DOSE: Loop diuretics have similar
results whether given by continuous infusion or bolus, but high-dose furosemide
may be better for fluid overload
In patients hospitalized with acute heart failure, there is no significant
difference in overall symptom relief or change in kidney function whether a diuretic
is delivered at high or low doses or by continuous or intermittent infusion, according
to research presented at the American College of Cardiology's 59th annual scientific
session.
The Diuretic Optimization Strategies Evaluation (DOSE) Study did suggest,
however, that high-dose furosemide may be more effective than low-dose furosemide
at improving several individual measures of fluid overload and symptom severity.
Furthermore, significant deterioration in kidney function, although more common
with high furosemide doses, tended to be transient. DOSE is the largest randomized
controlled trial of diuretic strategies ever conducted in patients hospitalized
for sudden worsening of heart failure. It is the first clinical trial completed
by the National Heart, Lung, and Blood Institute's Heart Failure Clinical Research
Network, which was established to promote innovative clinical research in heart
failure.
"Despite decades of clinical experience, high-quality data supporting the
safety and effectiveness of furosemide in acute heart failure are sparse," said
G. Michael Felker, M.D., MHS, a co-principal investigator and an associate professor
of medicine in the Divisions of Cardiology and Clinical Pharmacology at Duke University
Medical Center, Durham, NC. "DOSE was an attempt to take the principles of evidence-based
medicine-prospective, randomized, controlled trials-that we use to evaluate new
drugs and apply them to old drugs like furosemide that we prescribe every day.
These results give us a more precise understanding of the trade-off between relief
of congestion and the risks of renal dysfunction."
Diuretics such as furosemide are used to treat more than 90 percent of patients
who are hospitalized for acute decompensated heart failure (ADHF), to reduce fluid
overload and make it easier to breathe.

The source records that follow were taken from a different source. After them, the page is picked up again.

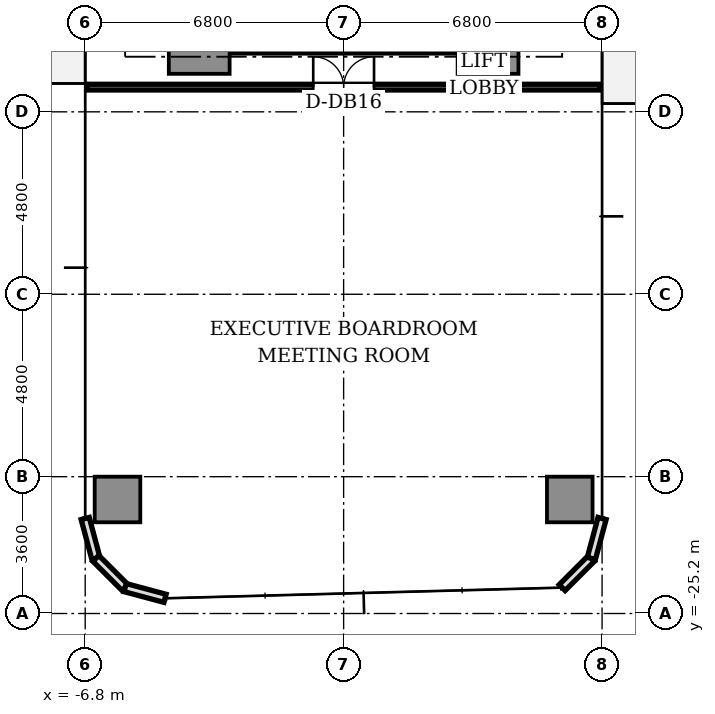
"""IFC4 building model, lengths in metres.
Left out: names, types, materials, properties, quantities, classifications, styles, units other than length and angle.
Written with IfcOpenShell. Run it as: python <this file> out.ifc"""

import sys

from ifc_helpers import new_model, si_unit, direction, frame, frame_2d, origin, origin_2d, place, context, subcontext, project, spatial, rectangle, extrude, source, transform, mapped, element, fill, save


model = new_model("IFC4")
c1 = context("Model", 3, precision=1e-05, world=origin(), true_north=direction((0.0, 1.0)))
c2 = subcontext(c1, "Body", "Model", "MODEL_VIEW")
j1 = project(units=[si_unit("LENGTHUNIT", "METRE"), si_unit("PLANEANGLEUNIT", "RADIAN")], contexts=[c1])
p1 = place(None, origin())
s1 = spatial("IfcSite", under=j1, at=p1, CompositionType="ELEMENT")
p2 = place(p1, origin())
s2 = spatial("IfcBuilding", under=s1, at=p2, CompositionType="ELEMENT")
p3 = place(p2, frame((0.0, 0.0, 71.15)))
s3 = spatial("IfcBuildingStorey", under=s2, at=p3, CompositionType="ELEMENT", Elevation=71.15)
p4 = place(p3, frame((-3.55, -10.2, 0.0), z_axis=(0.0, 0.0, 1.0), x_axis=(1.0, 0.0, 0.0)))
e1 = element("IfcWall", 1, at=p4, inside=s3, PredefinedType="SHEAR", context=c2, shape_type="SweptSolid", body=[
    extrude(rectangle(XDim=7.1, YDim=0.5, at=frame_2d((3.55, 0.0))), origin(), (0.0, 0.0, 1.0), 3.03),
])
m1 = source(origin(), c2, "Body", "SweptSolid", [
    extrude(rectangle(XDim=1.6, YDim=1.6, at=origin_2d()), origin(), (0.0, 0.0, 1.0), 3.03),
])
for number, where, z_axis, x_axis in (
    (2, (-3.8, -10.2, 0.0), (0.0, 0.0, 1.0), (1.0, 0.0, 0.0)),
    (3, (3.8, -10.2, 0.0), (0.0, 0.0, 1.0), (1.0, 0.0, 0.0)),
):
    element("IfcColumn", number, at=place(p3, frame(where, z_axis=z_axis, x_axis=x_axis)), inside=s3, PredefinedType="COLUMN", context=c2, shape_type="MappedRepresentation", body=[
        mapped(m1, transform((0.0, 0.0, 0.0), scale=1.0)),
    ])
m2 = source(origin(), c2, "Body", "SweptSolid", [
    extrude(rectangle(XDim=1.2, YDim=1.2, at=origin_2d()), origin(), (0.0, 0.0, 1.0), 3.03),
])
for number, where, z_axis, x_axis in (
    (4, (-5.95, -22.2, 0.0), (0.0, 0.0, 1.0), (1.0, 0.0, 0.0)),
    (5, (5.95, -22.2, 0.0), (0.0, 0.0, 1.0), (1.0, 0.0, 0.0)),
):
    element("IfcColumn", number, at=place(p3, frame(where, z_axis=z_axis, x_axis=x_axis)), inside=s3, PredefinedType="COLUMN", context=c2, shape_type="MappedRepresentation", body=[
        mapped(m2, transform((0.0, 0.0, 0.0), scale=1.0)),
    ])
for number, where, z_axis, x_axis in (
    (6, (-6.8, -22.7, 0.0), (0.0, 0.0, 1.0), (0.259, -0.966, 0.0)),
    (7, (-6.519, -23.75, 0.0), (0.0, 0.0, 1.0), (0.707, -0.707, 0.0)),
    (8, (-5.75, -24.519, 0.0), (0.0, 0.0, 1.0), (0.966, -0.259, 0.0)),
    (9, (5.75, -24.519, 0.0), (0.0, 0.0, 1.0), (0.707, 0.707, 0.0)),
    (10, (6.519, -23.75, 0.0), (0.0, 0.0, 1.0), (0.259, 0.966, 0.0)),
):
    element("IfcWall", number, at=place(p3, frame(where, z_axis=z_axis, x_axis=x_axis)), inside=s3, PredefinedType="STANDARD", context=c2, shape_type="SweptSolid", body=[
        extrude(rectangle(XDim=1.087, YDim=0.22, at=frame_2d((0.543, 0.0))), origin(), (0.0, 0.0, 1.0), 3.03),
    ])
p5 = place(p3, frame((-6.75, -11.35, 0.0), z_axis=(0.0, 0.0, 1.0), x_axis=(1.0, 0.0, 0.0)))
e11 = element("IfcWall", 11, at=p5, inside=s3, PredefinedType="PARTITIONING", context=c2, shape_type="SweptSolid", body=[
    extrude(rectangle(XDim=13.5, YDim=0.15, at=frame_2d((6.75, 0.0))), origin(), (0.0, 0.0, 1.0), 2.58),
])
p6 = place(p5, frame((5.95, 0.0, 0.0)))
e12 = element("IfcOpeningElement", 12, at=p6, cuts=e11, PredefinedType="OPENING", context=c2, shape_type="SweptSolid", body=[
    extrude(rectangle(XDim=1.6, YDim=2.25, at=frame_2d((0.8, 1.125))), frame((0.0, 0.085, 0.0), z_axis=(0.0, -1.0, 0.0), x_axis=(1.0, 0.0, 0.0)), (0.0, 0.0, 1.0), 0.17),
])
m3 = source(origin(), c2, "Body", "SweptSolid", [
    extrude(rectangle(XDim=1.6, YDim=0.05, at=origin_2d()), origin(), (0.0, 0.0, 1.0), 2.25),
])
p7 = place(p6, frame((0.8, 0.0, 0.0)))
e13 = element("IfcDoor", 13, at=p7, inside=s3, OperationType="DOUBLE_DOOR_SINGLE_SWING", PredefinedType="DOOR", context=c2, shape_type="MappedRepresentation", body=[
    mapped(m3, transform((0.0, 0.0, 0.0), scale=1.0)),
])
fill(e12, e13)
save(model, sys.argv[1])

However, because high-quality data are
not available to guide the use of furosemide, there is a great deal of variation
among clinicians and hospitals in both the total dose and the way the intravenous
drug is administered. Observational data have suggested that higher doses of furosemide
may be associated with worsening kidney function, abnormal concentrations of sodium
and potassium in the blood, low blood pressure, and death. In addition, some small
studies have suggested that giving furosemide as a continuous infusion may be
the safest and most effective approach, but most clinicians still use intermittent
"bolus" dosing.
For the study, researchers recruited 308 patients with ADHF and fluid overload
from nine regional medical centers and their referring hospitals in the U. S.
and Canada. Patients were randomly assigned to treatment with either high- or
low-dose intravenous furosemide (delivered at 2.5 times their usual daily oral
dose or at the same level as their usual daily oral dose, respectively). In a
double-randomization approach, patients were also assigned to intravenous dosing
either every 12 hours or to a continuous infusion.
Researchers observed a trend suggesting greater global symptom resolution
with high-dose furosemide over 72 hours. This was not associated with significant
deterioration in renal function as measured by the median change in serum creatinine
level from baseline to 72 hours (0.06 mg/dL for high-dose furosemide vs. 0.01
mg/dL for low-dose). Several secondary measures of the effectiveness of furosemide
in relieving fluid overload, such a net volume loss and change in body weight,
also tended to favor high-dose furosemide.
"These findings suggest that high-dose furosemide may be preferable to low-dose,"
Felker said. "The price seems to be a transient and relatively small deterioration
in kidney function."
The infusion strategy used for delivering furosemide (intermittent vs. continuous)
made no difference in the global measure of symptom resolution or in the change
in serum creatinine level (0.04 mg/dL for both groups).
"Given that there has been no adequately sized clinical trial of diuretic
dose or route of administration to date-and because of the encouraging trends
in the high-dose group-these results may have an immediate impact on the care
of hospitalized heart failure patients," said Christopher O'Connor, M.D., the study's
senior co-principal investigator, a professor of medicine and director of the
Duke Heart Center.
"We will change our standard of care today, and the results may be reflected
in future guidelines."
DOSE was sponsored by the National Heart Lung, and Blood Institute. Drs. Felker
and O'Connor have no potential conflicts of interest to report.